Phase A verified against microsoft/aspire release/13.4 @ e258349fd49dd0fdf08f92468d79f0cfaaf13012.
Phase B exercised live aspire.dev/reference/cli/commands/aspire-agent-init/ plus the related aspire init page; live pages reflect pre-PR docs so the PR's MDX was evaluated as a blind reader.

Phase A — claim verdicts (10 total)

verdict count
verified 9
verified-with-nuance 1
contradicted 0
unverifiable 0

This PR is a careful, scoped rewrite of the same surface PR #1125 changes. By using such as ... phrasing instead of enumerating the bundle, it avoids the bundle-enumeration contradiction that PR #1125 introduced. Bundle names cited (aspire-init, aspire-monitoring, aspire-orchestration) all exist in release/13.4's embedded aspire-skills-v0.0.1.tgz. The aspireSkillsRemoteFetchEnabled flag name and 13.4 default (false) match src/Aspire.Cli/KnownFeatures.cs:32,86-89 exactly — the source description even literally calls it "the 13.4 default". The recipe for --skills aspire-monitoring,aspire-orchestration is valid.

The only Phase A nuance is the aspireify defaulting explanation in step 2 — accurate for the standalone command documented here but not a universal rule. See inline comment on line 27.
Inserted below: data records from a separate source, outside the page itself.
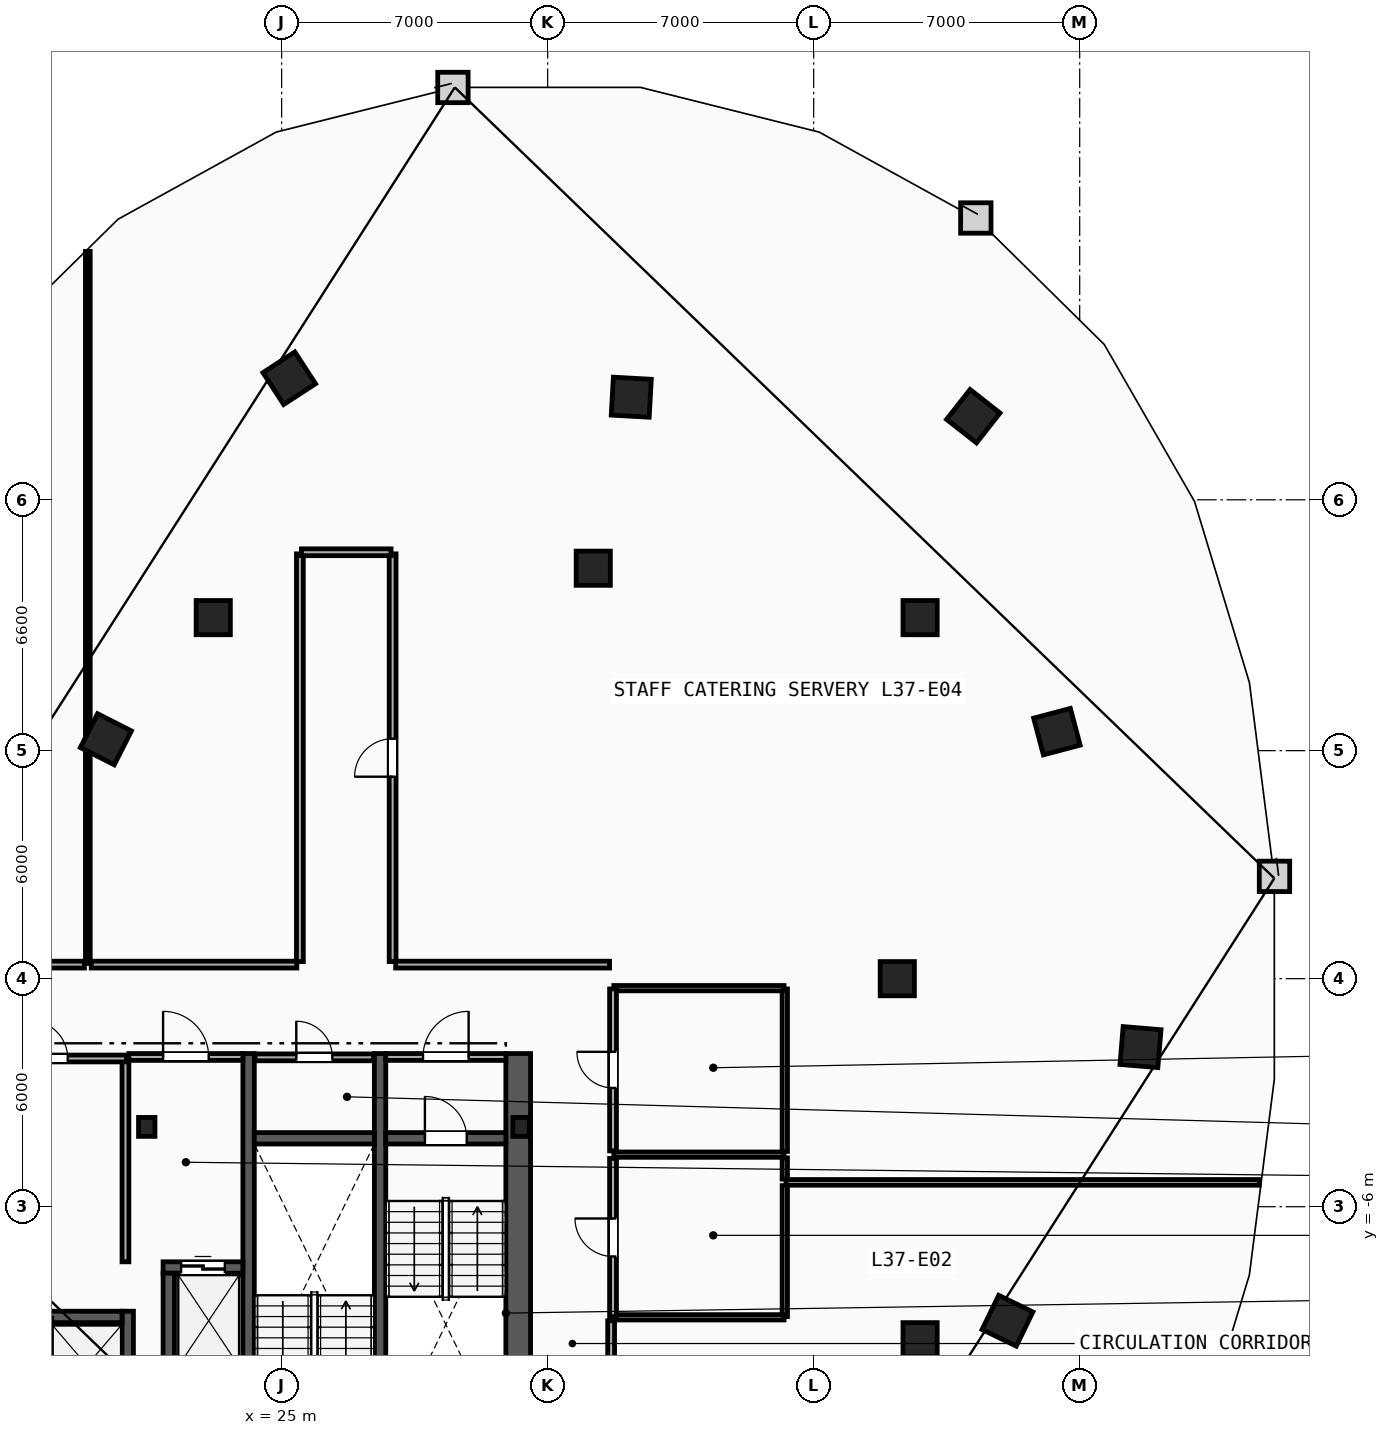
"""IFC4 building model, lengths in metres.
Left out: names, types, materials, properties, quantities, classifications, styles, units other than length and angle.
Written with IfcOpenShell. Run it as: python <this file> out.ifc"""

import sys

from ifc_helpers import new_model, si_unit, direction, frame, frame_2d, origin, origin_2d, place, context, subcontext, project, spatial, rectangle, i_section, extrude, element, fill, save


model = new_model("IFC4")
c1 = context("Model", 3, precision=1e-05, world=origin(), true_north=direction((0.0, 1.0)))
c2 = subcontext(c1, "Body", "Model", "MODEL_VIEW")
j1 = project(units=[si_unit("LENGTHUNIT", "METRE"), si_unit("PLANEANGLEUNIT", "RADIAN")], contexts=[c1])
p1 = place(None, origin())
s1 = spatial("IfcSite", under=j1, at=p1, CompositionType="ELEMENT")
p2 = place(p1, origin())
s2 = spatial("IfcBuilding", under=s1, at=p2, CompositionType="ELEMENT")
p3 = place(p2, frame((0.0, 0.0, 144.0)))
s3 = spatial("IfcBuildingStorey", under=s2, at=p3, CompositionType="ELEMENT", Elevation=144.0)
for number, where, z_axis, x_axis in (
    (1, (31.3, -3.9, 0.0), (0.0, 0.0, 1.0), (1.0, 0.0, 0.0)),
    (2, (21.45, -3.9, 0.0), (0.0, 0.0, 1.0), (1.0, 0.0, 0.0)),
):
    element("IfcColumn", number, at=place(p3, frame(where, z_axis=z_axis, x_axis=x_axis)), inside=s3, PredefinedType="COLUMN", context=c2, shape_type="SweptSolid", body=[
        extrude(i_section(OverallWidth=0.432, OverallDepth=0.498, WebThickness=0.056, FlangeThickness=0.089, FilletRadius=0.018, at=origin_2d()), origin(), (0.0, 0.0, 1.0), 3.6),
    ])
for number, where, z_axis, x_axis in (
    (3, (41.2, 0.0, 0.0), (0.0, 0.0, 1.0), (1.0, 0.0, 0.0)),
    (4, (41.8, -9.5, 0.0), (0.0, 0.0, 1.0), (1.0, 0.0, 0.0)),
    (5, (41.8, 9.5, 0.0), (0.0, 0.0, 1.0), (1.0, 0.0, 0.0)),
    (6, (33.2, 10.8, 0.0), (0.0, 0.0, 1.0), (1.0, 0.0, 0.0)),
    (7, (23.2, 9.5, 0.0), (0.0, 0.0, 1.0), (1.0, 0.0, 0.0)),
):
    element("IfcColumn", number, at=place(p3, frame(where, z_axis=z_axis, x_axis=x_axis)), inside=s3, PredefinedType="COLUMN", context=c2, shape_type="SweptSolid", body=[
        extrude(rectangle(XDim=0.9, YDim=0.9, at=origin_2d()), origin(), (0.0, 0.0, 1.0), 3.6),
    ])
for number, where, z_axis, x_axis in (
    (8, (44.1, -9.0, 0.0), (0.0, 0.0, 1.0), (0.437, 0.899, 0.0)),
    (9, (47.6, -1.8, 0.0), (0.0, 0.0, 1.0), (0.084, 0.997, 0.0)),
    (10, (45.4, 6.5, 0.0), (0.0, 0.0, 1.0), (-0.256, 0.967, 0.0)),
    (11, (43.2, 14.8, 0.0), (0.0, 0.0, 1.0), (-0.786, 0.618, 0.0)),
    (12, (34.2, 15.3, 0.0), (0.0, 0.0, 1.0), (-0.998, 0.055, 0.0)),
    (13, (25.2, 15.8, 0.0), (0.0, 0.0, 1.0), (-0.838, -0.546, 0.0)),
    (14, (20.375, 6.3, 0.0), (0.0, 0.0, 1.0), (-0.453, -0.892, 0.0)),
):
    element("IfcColumn", number, at=place(p3, frame(where, z_axis=z_axis, x_axis=x_axis)), inside=s3, PredefinedType="COLUMN", context=c2, shape_type="SweptSolid", body=[
        extrude(rectangle(XDim=1.0, YDim=1.0, at=origin_2d()), origin(), (0.0, 0.0, 1.0), 3.6),
    ])
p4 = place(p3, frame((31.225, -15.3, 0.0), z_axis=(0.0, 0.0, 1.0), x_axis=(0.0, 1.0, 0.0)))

Per-claim catalog — click to expand
id claim verdict evidence
c1 "the available skill catalog is loaded from the Aspire skills bundle manifest" (L27) ✅ verified AspireSkillsBundle.cs:16 ManifestFileName = "skill-manifest.json"; GetSkillDefinitions() parses the bundle from this manifest at runtime.
c2 "all bundle-provided skills (such as aspire-init, aspire-monitoring, and aspire-orchestration)" (L27) ✅ verified Extracted aspire-skills-v0.0.1.tgz contains: aspire, aspire-deployment, aspire-init, aspire-monitoring, aspire-orchestration, aspireify. All three names cited exist. such as phrasing is illustrative, not exhaustive — no contradiction.
c3 "CLI-defined skills (playwright-cli, dotnet-inspect)" (L27) ✅ verified SkillDefinition.cs:178 CliDefined = [PlaywrightCli, DotnetInspect].
c4 "All catalog skills are pre-selected by default, except one-time workspace-wiring skills (such as aspireify) that are omitted from the defaults when running against an existing project" (L27) ⚠️ verified-with-nuance AgentInitCommand.cs:141-143 comment: "Standalone aspire agent init is typically run against an existing project, so don't pre-select the one-time aspireify wiring skill even though every other bundle skill is default-on." — matches the doc's wording for the standalone case. But the rule does NOT generalize: InitCommand.cs:171-173 deliberately calls PromptAndChainAsync without the predicate (comment: "aspire init creates an AppHost in an existing repo, so pre-select every bundle skill (which includes aspireify as the natural follow-up wiring skill)."). See inline comment on L27.
c5 "Bundle skills are loaded dynamically from the Aspire skills bundle manifest and include skills such as aspire-init, aspire-monitoring, and aspire-orchestration" (L46) ✅ verified AgentInitCommand.cs:482 ResolveAvailableSkillsAsync loads dynamically; names cited all exist in the bundle.
c6 "CLI-provided skills include playwright-cli and dotnet-inspect" (L46) ✅ verified Same as c3.
c7 "The full list of available bundle skills depends on the Aspire skills bundle cached or embedded in the CLI" (L49) ✅ verified AspireSkillsInstaller.cs:54-122 InstallCoreAsync runs cache-first then GitHub (if feature on) then embedded snapshot.
c8 "To enable remote fetch of the latest bundle from GitHub, set the aspireSkillsRemoteFetchEnabled feature flag to true" (L49) ✅ verified KnownFeatures.cs:32 AspireSkillsRemoteFetchEnabled => "aspireSkillsRemoteFetchEnabled"; AspireSkillsInstaller.cs:82-84 gates InstallFromGitHubAsync on this flag. Feature-key name matches exactly.
c9 "(disabled by default in 13.4)" (L49) ✅ verified KnownFeatures.cs:86-89 on release/13.4 @ e258349fd: DefaultValue: false. Description text in source literally calls it "the 13.4 default".
c10 aspire agent init --skills aspire-monitoring,aspire-orchestration example (L81) ✅ verified Both skill names exist in the bundle; AgentInitCommand.cs:84-90 registers --skills option; ResolveAvailableSkillsAsync resolves these names.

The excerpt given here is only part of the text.